If you don't feel your joists are up to snuff, you can reinforce them by laminating them.

You would get additional boards of appropriate size to fit snugly next to the joists, then use an adhesive and screw the boards to the joists.

Make sure you are getting the additional wood over your load bearing walls, otherwise again you are just adding weight to the situation.

Remember though, even if you are going to make it a DIY project, structural work is a big deal and you should at least consult a contractor/architect and make sure you get proper permits and inspections.

You can save yourself the money on the labor, but don't skimp on the planning.

  • Laminating them is the best way if you really do not want to rip out the ceiling to get at them. Then you should place a few 4 x 8 sheets on the floor and see if it is still bouncy. If it is the next thing to try is to add some 2x8s between the floor joists. May 22, 2014 at 21:58

ManiacZX mentioned laminating the joists below, and in my opinion, if you had access to the joists, you'd be better off installing bracing between them (cribbing, bridging, whatever you want to call it) ... but that assumes that you actually had access to the joists.

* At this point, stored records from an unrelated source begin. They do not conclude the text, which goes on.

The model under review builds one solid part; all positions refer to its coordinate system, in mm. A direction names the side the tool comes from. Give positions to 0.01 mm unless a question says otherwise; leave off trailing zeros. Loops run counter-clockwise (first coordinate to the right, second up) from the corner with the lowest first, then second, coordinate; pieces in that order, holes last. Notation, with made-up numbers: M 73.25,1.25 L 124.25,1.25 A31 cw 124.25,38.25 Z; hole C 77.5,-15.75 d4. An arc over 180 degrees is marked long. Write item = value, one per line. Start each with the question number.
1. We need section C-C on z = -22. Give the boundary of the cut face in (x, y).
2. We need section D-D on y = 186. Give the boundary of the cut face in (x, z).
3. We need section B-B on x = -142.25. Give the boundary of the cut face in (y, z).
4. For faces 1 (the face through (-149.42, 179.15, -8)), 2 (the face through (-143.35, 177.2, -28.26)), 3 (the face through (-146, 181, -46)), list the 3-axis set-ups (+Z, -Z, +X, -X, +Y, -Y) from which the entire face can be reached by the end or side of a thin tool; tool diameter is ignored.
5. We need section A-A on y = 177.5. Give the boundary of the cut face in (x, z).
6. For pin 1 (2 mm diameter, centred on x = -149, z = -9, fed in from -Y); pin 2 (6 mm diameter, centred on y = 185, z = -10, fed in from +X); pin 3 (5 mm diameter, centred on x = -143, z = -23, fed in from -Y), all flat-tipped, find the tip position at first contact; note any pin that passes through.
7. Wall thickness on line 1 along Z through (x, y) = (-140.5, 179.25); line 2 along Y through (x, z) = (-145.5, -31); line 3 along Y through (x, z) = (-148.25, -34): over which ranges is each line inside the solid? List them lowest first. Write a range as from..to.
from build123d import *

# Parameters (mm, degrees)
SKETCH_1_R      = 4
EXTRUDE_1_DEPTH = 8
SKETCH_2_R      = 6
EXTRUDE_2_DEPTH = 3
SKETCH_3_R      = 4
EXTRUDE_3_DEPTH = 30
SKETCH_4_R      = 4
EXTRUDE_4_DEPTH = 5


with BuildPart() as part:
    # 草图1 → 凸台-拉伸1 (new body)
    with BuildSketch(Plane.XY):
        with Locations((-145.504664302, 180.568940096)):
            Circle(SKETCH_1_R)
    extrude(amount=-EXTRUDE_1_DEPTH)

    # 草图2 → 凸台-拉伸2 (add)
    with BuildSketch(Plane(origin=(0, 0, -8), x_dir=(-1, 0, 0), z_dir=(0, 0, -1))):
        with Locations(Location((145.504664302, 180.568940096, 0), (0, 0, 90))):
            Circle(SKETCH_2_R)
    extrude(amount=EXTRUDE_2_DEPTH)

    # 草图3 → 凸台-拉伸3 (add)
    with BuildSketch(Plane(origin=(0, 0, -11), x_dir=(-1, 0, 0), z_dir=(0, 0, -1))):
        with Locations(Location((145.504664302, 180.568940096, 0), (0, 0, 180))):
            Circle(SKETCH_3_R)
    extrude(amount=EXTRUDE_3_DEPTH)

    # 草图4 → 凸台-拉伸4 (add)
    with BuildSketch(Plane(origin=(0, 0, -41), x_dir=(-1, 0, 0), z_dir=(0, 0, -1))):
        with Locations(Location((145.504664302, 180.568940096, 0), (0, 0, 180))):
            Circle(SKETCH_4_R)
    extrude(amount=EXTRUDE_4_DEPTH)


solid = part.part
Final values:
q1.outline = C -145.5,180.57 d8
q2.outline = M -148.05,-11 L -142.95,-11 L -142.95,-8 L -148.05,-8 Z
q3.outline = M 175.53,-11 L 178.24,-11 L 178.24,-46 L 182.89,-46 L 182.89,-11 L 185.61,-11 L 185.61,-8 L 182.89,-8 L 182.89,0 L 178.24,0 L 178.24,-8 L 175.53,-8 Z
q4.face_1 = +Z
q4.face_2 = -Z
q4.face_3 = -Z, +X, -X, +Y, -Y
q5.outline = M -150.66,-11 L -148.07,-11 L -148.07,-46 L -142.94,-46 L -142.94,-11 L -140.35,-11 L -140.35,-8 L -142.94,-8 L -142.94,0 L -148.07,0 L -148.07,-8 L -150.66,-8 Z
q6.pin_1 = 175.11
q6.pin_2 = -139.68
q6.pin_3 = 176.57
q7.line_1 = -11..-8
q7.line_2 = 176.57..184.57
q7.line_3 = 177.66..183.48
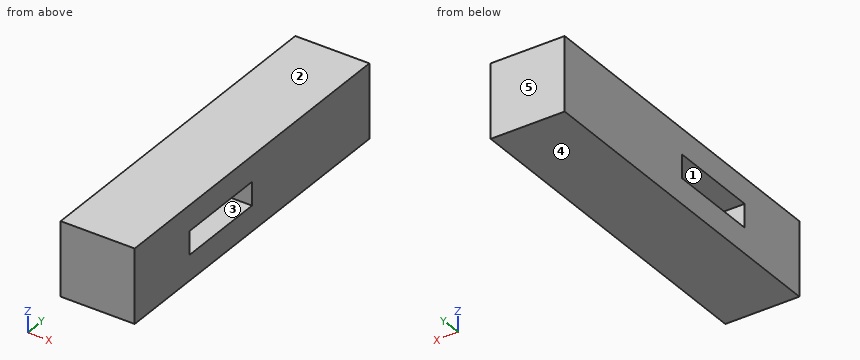
```python
from build123d import *

# Parameters (mm, degrees)
ROD_SECTION_SKETCH_38X38_W = 38
ROD_SECTION_SKETCH_38X38_H = 38
SQUARE_ROD_38X38X176_DEPTH = 176
SLOT_PROFILE_SKETCH_W      = 12
SLOT_PROFILE_SKETCH_H      = 47
THROUGH_SLOT_47X12_DEPTH   = 176


with BuildPart() as part:
    # Rod Section Sketch 38x38 → Square Rod 38x38x176 (new body)
    with BuildSketch(Plane(origin=(0, 0, 0), x_dir=(1, 0, 0), z_dir=(0, 1, 0))):
        Rectangle(ROD_SECTION_SKETCH_38X38_W, ROD_SECTION_SKETCH_38X38_H)
    extrude(amount=SQUARE_ROD_38X38X176_DEPTH)

    # Slot Profile Sketch → Through Slot 47x12 (cut)
    with BuildSketch(Plane(origin=(19, 0, 0), x_dir=(0, 0, -1), z_dir=(1, 0, 0))):
        with Locations((0, 64.5)):
            Rectangle(SLOT_PROFILE_SKETCH_W, SLOT_PROFILE_SKETCH_H)
    extrude(amount=-THROUGH_SLOT_47X12_DEPTH, mode=Mode.SUBTRACT)


solid = part.part
```
Verification items for the finished model (mm, model axes). Face numbers are marked on the shaded views. A direction names the side the tool comes from. Give positions to 0.01 mm unless a question says otherwise; leave off trailing zeros. Write each loop counter-clockwise with the first axis right and the second up, starting at its lowest first coordinate (ties: lowest second). Pieces come first, ordered by that corner, then holes. Notation, with made-up numbers: M 39.25,-6.75 L 94.25,-6.75 A25 cw 94.25,32.25 Z; hole C 33,74 d4. An arc over 180 degrees is marked long. One line per question, with ' | ' between items.
1) Thickness scan on line 1 along Y through (x, z) = (8, -3); line 2 along Z through (x, y) = (-5.5, 52.5). Record the ranges inside material, lowest first. Write a range as [from, to].
Result:
line 1: y = [0, 41], [88, 176] | line 2: z = [-19, -6], [6, 19]
2) Section check B-B on x = -5.5. Enter the section's corners in (y, z), plus the area to 3 significant figures.
Result:
outline: M 0,-19 L 176,-19 L 176,19 L 0,19 Z; hole M 41,-6 L 88,-6 L 88,6 L 41,6 Z | area: 6,120 mm2
3) Set-up check for the marked faces 1 and 2: record each of +Z, -Z, +X, -X, +Y, -Y from which the full face is reachable in a straight line by a thin tool's end or side.
Result:
face 1: +X, -X | face 2: +Z, +X, -X, +Y, -Y
4) Section check A-A on z = 4.5. Enter the section's corners in (x, y).
Result:
outline: M -19,0 L 19,0 L 19,41 L -19,41 Z; M -19,88 L 19,88 L 19,176 L -19,176 Z
5) Section check C-C on y = 79. Enter the section's corners in (x, z), plus the area to 3 significant figures.
Result:
outline: M -19,-19 L 19,-19 L 19,-6 L -19,-6 Z; M -19,6 L 19,6 L 19,19 L -19,19 Z | area: 988 mm2
6) Mould release check, pull along Y, two halves, no side actions. Record for the marked faces 3, 4 and 5: released by +Y, released by -Y, zero draft, split by the parting line, or undercut.
Result:
face 3: undercut | face 4: zero draft | face 5: released by +Y

as you're going to be gaining access to the subfloor, you might be able to stiffen the floor as a whole -- put down some adhesive, lay more plywood/chipboard on top of it (ply's more expensive but it flexes less ... I'm not sure how MDF compares to plywood on flexibility), and then screw it down tight to the original subfloor. (and a lot of screws -- might even be worth renting a belt fed screwgun, as you're going to want them every 6" (15cm) or so to make sure the new subfloor is bonded well to the existing one, so they flex as a single unit.

If you can get the floor stiffer, it'll distribute the load better across multiple joists, and therefore they should deflect less when loaded.


Your other option is to come in from the top -- strip the existing subfloor off, install the cribbing, then lay the subfloor back down. Depending on how the subfloor is laid, you might be able to cut windows into it (set a circular saw so it just barely goes through the sheet; you might have to drill a hole and use a wire w/ a bent end as a guage first), expose enough to set the cribbing, close it back up, then to the lamination thing I mentioned above to stiffen the subfloor.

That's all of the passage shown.